Existing arrival time prediction systems do not provide passengers with information about whether their buses will depart or arrive soon because of their low accuracy and limited deployment. For passengers, the arrival time of buses is important because passengers can decide whether they should wait for the next bus or choose other means of public transportation.

This study develops a bus arrival time prediction system that combines a P2P overlay network and WSN. The data obtained at bus stations and from sensors for buses are used to accurately predict arrival time. Data collected from each bus are logged into the system and used to optimize the courses and frequency of buses. Bus routes and schedules can be optimized to meet the actual needs of passengers according to data collected from bus stations. The proposed system can reduce costs and increase revenue for bus departments as well as improving passenger satisfaction.

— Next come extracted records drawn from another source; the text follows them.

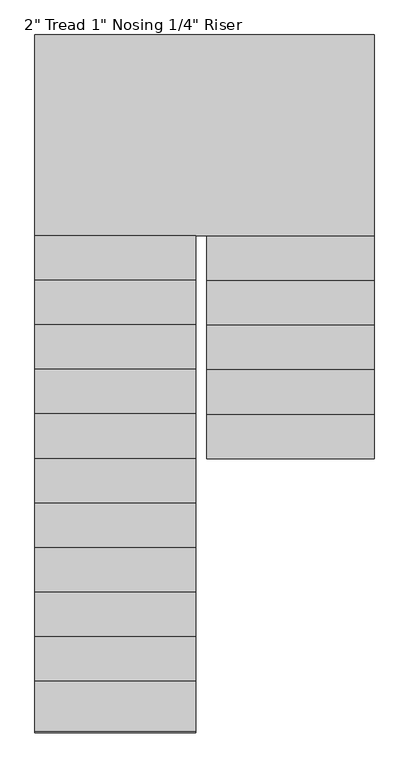
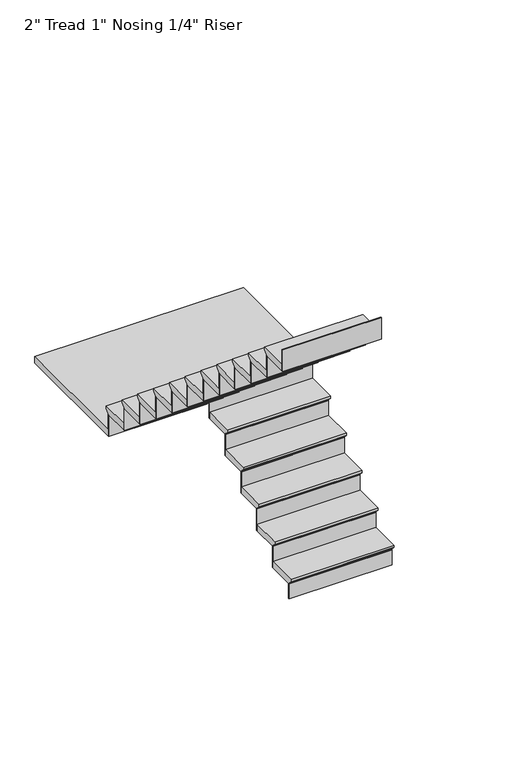
"""IFC4 building model written with IfcOpenShell, lengths in millimetres: stair flight geometry."""

from ifc_helpers import new_model, si_unit, origin, place, context, project, spatial, faceted_brep, source, transform, mapped, element, save


def stair_flight_8492ada7(model_context):
    return source(origin(), model_context, "Body", "Brep", [
        faceted_brep([(-3749.597125, 2714.6319226, 3198.2833333), (-3749.597125, 2714.6319226, 3217.3333333), (-4512.2136682, 2714.6319226, 3217.3333333), (-4512.2136682, 2714.6319226, 3198.2833333), (-3749.597125, 2740.0319226, 3172.8833333), (-4512.2136682, 2740.0319226, 3172.8833333), (-3749.597125, 2943.2319226, 3217.3333333), (-4512.2136682, 2943.2319226, 3217.3333333), (-4512.2136682, 2740.0319226, 3166.5333333), (-4512.2136682, 2943.2319226, 3166.5333333), (-3749.597125, 2943.2319226, 3166.5333333), (-3749.597125, 2740.0319226, 3166.5333333)], [[[0, 1, 2, 3]], [[4, 0, 3, 5]], [[2, 1, 6, 7]], [[8, 9, 10, 11]], [[2, 7, 9, 8, 5, 3]], [[8, 11, 4, 5]], [[6, 1, 0, 4, 11, 10]], [[7, 6, 10, 9]]]),
        faceted_brep([(-3749.597125, 2740.0319226, 3166.5333333), (-3749.597125, 2740.0319226, 3048.0), (-3749.597125, 2746.3819226, 3048.0), (-3749.597125, 2746.3819226, 3166.5333333), (-4512.2136682, 2740.0319226, 3166.5333333), (-4512.2136682, 2746.3819226, 3166.5333333), (-4512.2136682, 2746.3819226, 3048.0), (-4512.2136682, 2740.0319226, 3048.0)], [[[0, 1, 2, 3]], [[4, 5, 6, 7]], [[1, 0, 4, 7]], [[2, 1, 7, 6]], [[3, 2, 6, 5]], [[0, 3, 5, 4]]]),
        faceted_brep([(-3749.597125, 2943.2319226, 3335.8666667), (-3749.597125, 2943.2319226, 3166.5333333), (-3749.597125, 2949.5819226, 3166.5333333), (-3749.597125, 2949.5819226, 3335.8666667), (-4512.2136682, 2943.2319226, 3335.8666667), (-4512.2136682, 2949.5819226, 3335.8666667), (-4512.2136682, 2949.5819226, 3166.5333333), (-4512.2136682, 2943.2319226, 3166.5333333)], [[[0, 1, 2, 3]], [[4, 5, 6, 7]], [[1, 0, 4, 7]], [[2, 1, 7, 6]], [[3, 2, 6, 5]], [[0, 3, 5, 4]]]),
        faceted_brep([(-4512.2136682, 2917.8319226, 3386.6666667), (-3749.597125, 2917.8319226, 3386.6666667), (-3749.597125, 3146.4319226, 3386.6666667), (-4512.2136682, 3146.4319226, 3386.6666667), (-4512.2136682, 2943.2319226, 3335.8666667), (-4512.2136682, 3146.4319226, 3335.8666667), (-3749.597125, 3146.4319226, 3335.8666667), (-3749.597125, 2943.2319226, 3335.8666667), (-4512.2136682, 2943.2319226, 3342.2166667), (-4512.2136682, 2917.8319226, 3367.6166667), (-3749.597125, 2943.2319226, 3342.2166667), (-3749.597125, 2917.8319226, 3367.6166667)], [[[0, 1, 2, 3]], [[4, 5, 6, 7]], [[0, 3, 5, 4, 8, 9]], [[4, 7, 10, 8]], [[2, 1, 11, 10, 7, 6]], [[3, 2, 6, 5]], [[11, 1, 0, 9]], [[10, 11, 9, 8]]]),
        faceted_brep([(-3749.597125, 3146.4319226, 3505.2), (-3749.597125, 3146.4319226, 3335.8666667), (-3749.597125, 3152.7819226, 3335.8666667), (-3749.597125, 3152.7819226, 3505.2), (-4512.2136682, 3146.4319226, 3505.2), (-4512.2136682, 3152.7819226, 3505.2), (-4512.2136682, 3152.7819226, 3335.8666667), (-4512.2136682, 3146.4319226, 3335.8666667)], [[[0, 1, 2, 3]], [[4, 5, 6, 7]], [[1, 0, 4, 7]], [[2, 1, 7, 6]], [[3, 2, 6, 5]], [[0, 3, 5, 4]]]),
        faceted_brep([(-4512.2136682, 3121.0319226, 3556.0), (-3749.597125, 3121.0319226, 3556.0), (-3749.597125, 3349.6319226, 3556.0), (-4512.2136682, 3349.6319226, 3556.0), (-4512.2136682, 3146.4319226, 3505.2), (-4512.2136682, 3349.6319226, 3505.2), (-3749.597125, 3349.6319226, 3505.2), (-3749.597125, 3146.4319226, 3505.2), (-4512.2136682, 3146.4319226, 3511.55), (-4512.2136682, 3121.0319226, 3536.95), (-3749.597125, 3146.4319226, 3511.55), (-3749.597125, 3121.0319226, 3536.95)], [[[0, 1, 2, 3]], [[4, 5, 6, 7]], [[0, 3, 5, 4, 8, 9]], [[4, 7, 10, 8]], [[2, 1, 11, 10, 7, 6]], [[3, 2, 6, 5]], [[11, 1, 0, 9]], [[10, 11, 9, 8]]]),
        faceted_brep([(-3749.597125, 3349.6319226, 3674.5333333), (-3749.597125, 3349.6319226, 3505.2), (-3749.597125, 3355.9819226, 3505.2), (-3749.597125, 3355.9819226, 3674.5333333), (-4512.2136682, 3349.6319226, 3674.5333333), (-4512.2136682, 3355.9819226, 3674.5333333), (-4512.2136682, 3355.9819226, 3505.2), (-4512.2136682, 3349.6319226, 3505.2)], [[[0, 1, 2, 3]], [[4, 5, 6, 7]], [[1, 0, 4, 7]], [[2, 1, 7, 6]], [[3, 2, 6, 5]], [[0, 3, 5, 4]]]),
        faceted_brep([(-4512.2136682, 3324.2319226, 3725.3333333), (-3749.597125, 3324.2319226, 3725.3333333), (-3749.597125, 3552.8319226, 3725.3333333), (-4512.2136682, 3552.8319226, 3725.3333333), (-4512.2136682, 3349.6319226, 3674.5333333), (-4512.2136682, 3552.8319226, 3674.5333333), (-3749.597125, 3552.8319226, 3674.5333333), (-3749.597125, 3349.6319226, 3674.5333333), (-4512.2136682, 3349.6319226, 3680.8833333), (-4512.2136682, 3324.2319226, 3706.2833333), (-3749.597125, 3349.6319226, 3680.8833333), (-3749.597125, 3324.2319226, 3706.2833333)], [[[0, 1, 2, 3]], [[4, 5, 6, 7]], [[0, 3, 5, 4, 8, 9]], [[4, 7, 10, 8]], [[2, 1, 11, 10, 7, 6]], [[3, 2, 6, 5]], [[11, 1, 0, 9]], [[10, 11, 9, 8]]]),
        faceted_brep([(-3749.597125, 3552.8319226, 3843.8666667), (-3749.597125, 3552.8319226, 3674.5333333), (-3749.597125, 3559.1819226, 3674.5333333), (-3749.597125, 3559.1819226, 3843.8666667), (-4512.2136682, 3552.8319226, 3843.8666667), (-4512.2136682, 3559.1819226, 3843.8666667), (-4512.2136682, 3559.1819226, 3674.5333333), (-4512.2136682, 3552.8319226, 3674.5333333)], [[[0, 1, 2, 3]], [[4, 5, 6, 7]], [[1, 0, 4, 7]], [[2, 1, 7, 6]], [[3, 2, 6, 5]], [[0, 3, 5, 4]]]),
        faceted_brep([(-4512.2136682, 3527.4319226, 3894.6666667), (-3749.597125, 3527.4319226, 3894.6666667), (-3749.597125, 3756.0319226, 3894.6666667), (-4512.2136682, 3756.0319226, 3894.6666667), (-4512.2136682, 3552.8319226, 3843.8666667), (-4512.2136682, 3756.0319226, 3843.8666667), (-3749.597125, 3756.0319226, 3843.8666667), (-3749.597125, 3552.8319226, 3843.8666667), (-4512.2136682, 3552.8319226, 3850.2166667), (-4512.2136682, 3527.4319226, 3875.6166667), (-3749.597125, 3552.8319226, 3850.2166667), (-3749.597125, 3527.4319226, 3875.6166667)], [[[0, 1, 2, 3]], [[4, 5, 6, 7]], [[0, 3, 5, 4, 8, 9]], [[4, 7, 10, 8]], [[2, 1, 11, 10, 7, 6]], [[3, 2, 6, 5]], [[11, 1, 0, 9]], [[10, 11, 9, 8]]]),
        faceted_brep([(-3749.597125, 3756.0319226, 4013.2), (-3749.597125, 3756.0319226, 3843.8666667), (-3749.597125, 3762.3819226, 3843.8666667), (-3749.597125, 3762.3819226, 4013.2), (-4512.2136682, 3756.0319226, 4013.2), (-4512.2136682, 3762.3819226, 4013.2), (-4512.2136682, 3762.3819226, 3843.8666667), (-4512.2136682, 3756.0319226, 3843.8666667)], [[[0, 1, 2, 3]], [[4, 5, 6, 7]], [[1, 0, 4, 7]], [[2, 1, 7, 6]], [[3, 2, 6, 5]], [[0, 3, 5, 4]]]),
        faceted_brep([(-4563.0136682, 3705.2319226, 4064.0), (-4563.0136682, 3730.6319226, 4064.0), (-3749.597125, 3730.6319226, 4064.0), (-3749.597125, 4645.0319226, 4064.0), (-5295.0246464, 4645.0319226, 4064.0), (-5295.0246464, 3705.2319226, 4064.0), (-4563.0136682, 3730.6319226, 4013.2), (-4563.0136682, 3705.2319226, 4013.2), (-5295.0246464, 3705.2319226, 4013.2), (-5295.0246464, 4645.0319226, 4013.2), (-3749.597125, 4645.0319226, 4013.2), (-3749.597125, 3756.0319226, 4013.2), (-4512.2136682, 3756.0319226, 4013.2), (-4512.2136682, 3730.6319226, 4013.2), (-4512.2136682, 3730.6319226, 4044.95), (-3749.597125, 3730.6319226, 4044.95), (-4512.2136682, 3756.0319226, 4019.55), (-3749.597125, 3756.0319226, 4019.55)], [[[0, 1, 2, 3, 4, 5]], [[6, 7, 8, 9, 10, 11, 12, 13]], [[1, 0, 7, 6]], [[2, 1, 6, 13, 14, 15]], [[13, 12, 16, 14]], [[12, 11, 17, 16]], [[3, 2, 15, 17, 11, 10]], [[4, 3, 10, 9]], [[5, 4, 9, 8]], [[0, 5, 8, 7]], [[17, 15, 14, 16]]]),
        faceted_brep([(-5295.0246464, 3705.2319226, 4182.5333333), (-5295.0246464, 3705.2319226, 4013.2), (-5295.0246464, 3698.8819226, 4013.2), (-5295.0246464, 3698.8819226, 4182.5333333), (-4563.0136682, 3705.2319226, 4182.5333333), (-4563.0136682, 3698.8819226, 4182.5333333), (-4563.0136682, 3698.8819226, 4013.2), (-4563.0136682, 3705.2319226, 4013.2)], [[[0, 1, 2, 3]], [[4, 5, 6, 7]], [[1, 0, 4, 7]], [[2, 1, 7, 6]], [[3, 2, 6, 5]], [[0, 3, 5, 4]]]),
        faceted_brep([(-4563.0136682, 3730.6319226, 4233.3333333), (-5295.0246464, 3730.6319226, 4233.3333333), (-5295.0246464, 3502.0319226, 4233.3333333), (-4563.0136682, 3502.0319226, 4233.3333333), (-4563.0136682, 3705.2319226, 4182.5333333), (-4563.0136682, 3502.0319226, 4182.5333333), (-5295.0246464, 3502.0319226, 4182.5333333), (-5295.0246464, 3705.2319226, 4182.5333333), (-4563.0136682, 3705.2319226, 4188.8833333), (-4563.0136682, 3730.6319226, 4214.2833333), (-5295.0246464, 3705.2319226, 4188.8833333), (-5295.0246464, 3730.6319226, 4214.2833333)], [[[0, 1, 2, 3]], [[4, 5, 6, 7]], [[0, 3, 5, 4, 8, 9]], [[4, 7, 10, 8]], [[2, 1, 11, 10, 7, 6]], [[3, 2, 6, 5]], [[11, 1, 0, 9]], [[10, 11, 9, 8]]]),
        faceted_brep([(-5295.0246464, 3502.0319226, 4351.8666667), (-5295.0246464, 3502.0319226, 4182.5333333), (-5295.0246464, 3495.6819226, 4182.5333333), (-5295.0246464, 3495.6819226, 4351.8666667), (-4563.0136682, 3502.0319226, 4351.8666667), (-4563.0136682, 3495.6819226, 4351.8666667), (-4563.0136682, 3495.6819226, 4182.5333333), (-4563.0136682, 3502.0319226, 4182.5333333)], [[[0, 1, 2, 3]], [[4, 5, 6, 7]], [[1, 0, 4, 7]], [[2, 1, 7, 6]], [[3, 2, 6, 5]], [[0, 3, 5, 4]]]),
        faceted_brep([(-4563.0136682, 3527.4319226, 4402.6666667), (-5295.0246464, 3527.4319226, 4402.6666667), (-5295.0246464, 3298.8319226, 4402.6666667), (-4563.0136682, 3298.8319226, 4402.6666667), (-4563.0136682, 3502.0319226, 4351.8666667), (-4563.0136682, 3298.8319226, 4351.8666667), (-5295.0246464, 3298.8319226, 4351.8666667), (-5295.0246464, 3502.0319226, 4351.8666667), (-4563.0136682, 3502.0319226, 4358.2166667), (-4563.0136682, 3527.4319226, 4383.6166667), (-5295.0246464, 3502.0319226, 4358.2166667), (-5295.0246464, 3527.4319226, 4383.6166667)], [[[0, 1, 2, 3]], [[4, 5, 6, 7]], [[0, 3, 5, 4, 8, 9]], [[4, 7, 10, 8]], [[2, 1, 11, 10, 7, 6]], [[3, 2, 6, 5]], [[11, 1, 0, 9]], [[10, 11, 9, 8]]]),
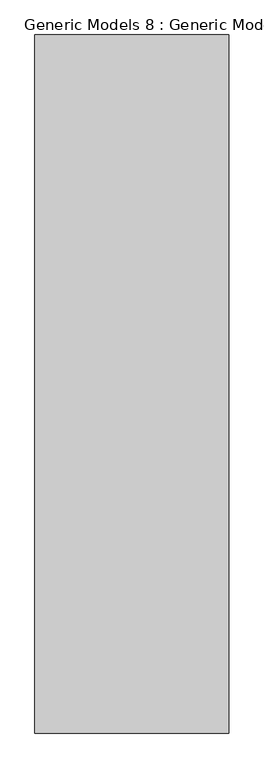
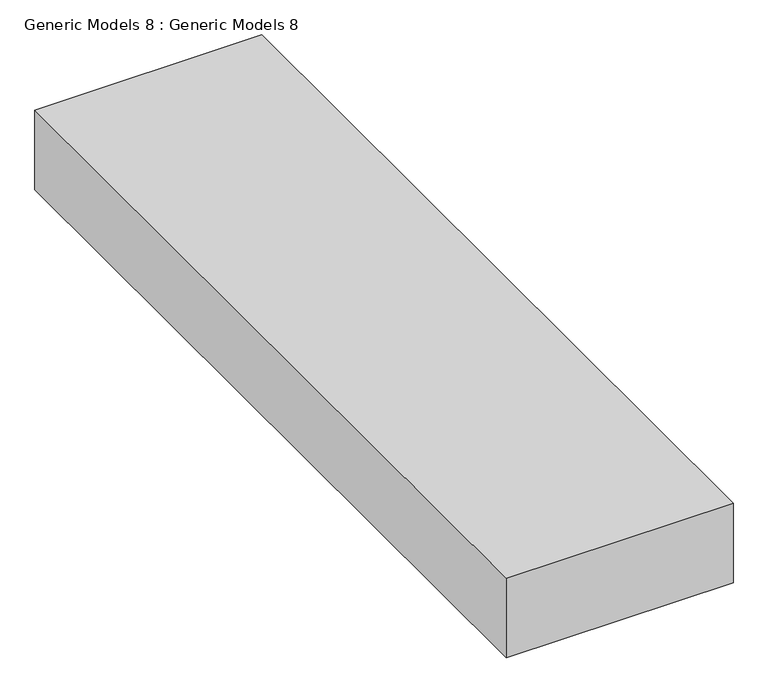
"""IFC4 building model written with IfcOpenShell, lengths in millimetres: proxy geometry, Generic Models 8 : Generic Models 8."""

from ifc_helpers import new_model, si_unit, frame, origin, place, context, project, spatial, polyline, outline, extrude, source, transform, mapped, element, save


def generic_models_8_generic_models_8_3ed65b9d(model_context):
    return source(origin(), model_context, "Body", "SweptSolid", [
        extrude(outline(polyline([(-3391.6221861, 3019.8222768), (-3391.6221861, 1541.4927862), (-3802.4859258, 1541.4927862), (-3802.4859258, 3019.8222768), (-3391.6221861, 3019.8222768)])), frame((0.0, 0.0, 2473.010234), z_axis=(0.0, 0.0, 1.0), x_axis=(1.0, 0.0, 0.0)), (0.0, 0.0, 1.0), 152.4),
    ])


if __name__ == "__main__":
    model = new_model("IFC4")
    model_context = context("Model", 3, world=origin())
    ifc_project = project(units=[si_unit("LENGTHUNIT", "METRE", prefix="MILLI")], contexts=[model_context])
    site = spatial("IfcSite", under=ifc_project)
    building = spatial("IfcBuilding", under=site)
    placement = place(None, origin())
    generic_models_8_generic_models_8_shape = generic_models_8_generic_models_8_3ed65b9d(model_context)
    element("IfcBuildingElementProxy", 1, Name="Generic Models 8 : Generic Models 8", ObjectType="Generic Models 8 : Generic Models 8", at=placement, inside=building, context=model_context, shape_type="MappedRepresentation", body=[
        mapped(generic_models_8_generic_models_8_shape, transform((0.0, 0.0, 0.0), x_axis=(1.0, 0.0, 0.0), y_axis=(0.0, 1.0, 0.0), z_axis=(0.0, 0.0, 1.0))),
    ])
    save(model, "model.ifc")

The experimental results demonstrate that our bus arrival time prediction system can achieve high accuracy using real-time exchange of data and traffic conditions between bus stations. Furthermore, the experimental results demonstrate that our prediction system can decrease the system overhead of the centralized server considerably. The arrival time was predicted by bus stations according to the real-time data they received.

With the advance of microfabrication technology and the development of wireless transmission technology, WSNs have been used in a wide range of applications. WSNs can also be used in electronic toll collection, traffic, and road information applications to improve safety, convenience, and efficiency. The investment trends of advanced countries indicate that telematics will be an increasingly used wireless technology.

Conflict of Interests

The authors declare that there is no conflict of interests regarding the publication of this paper.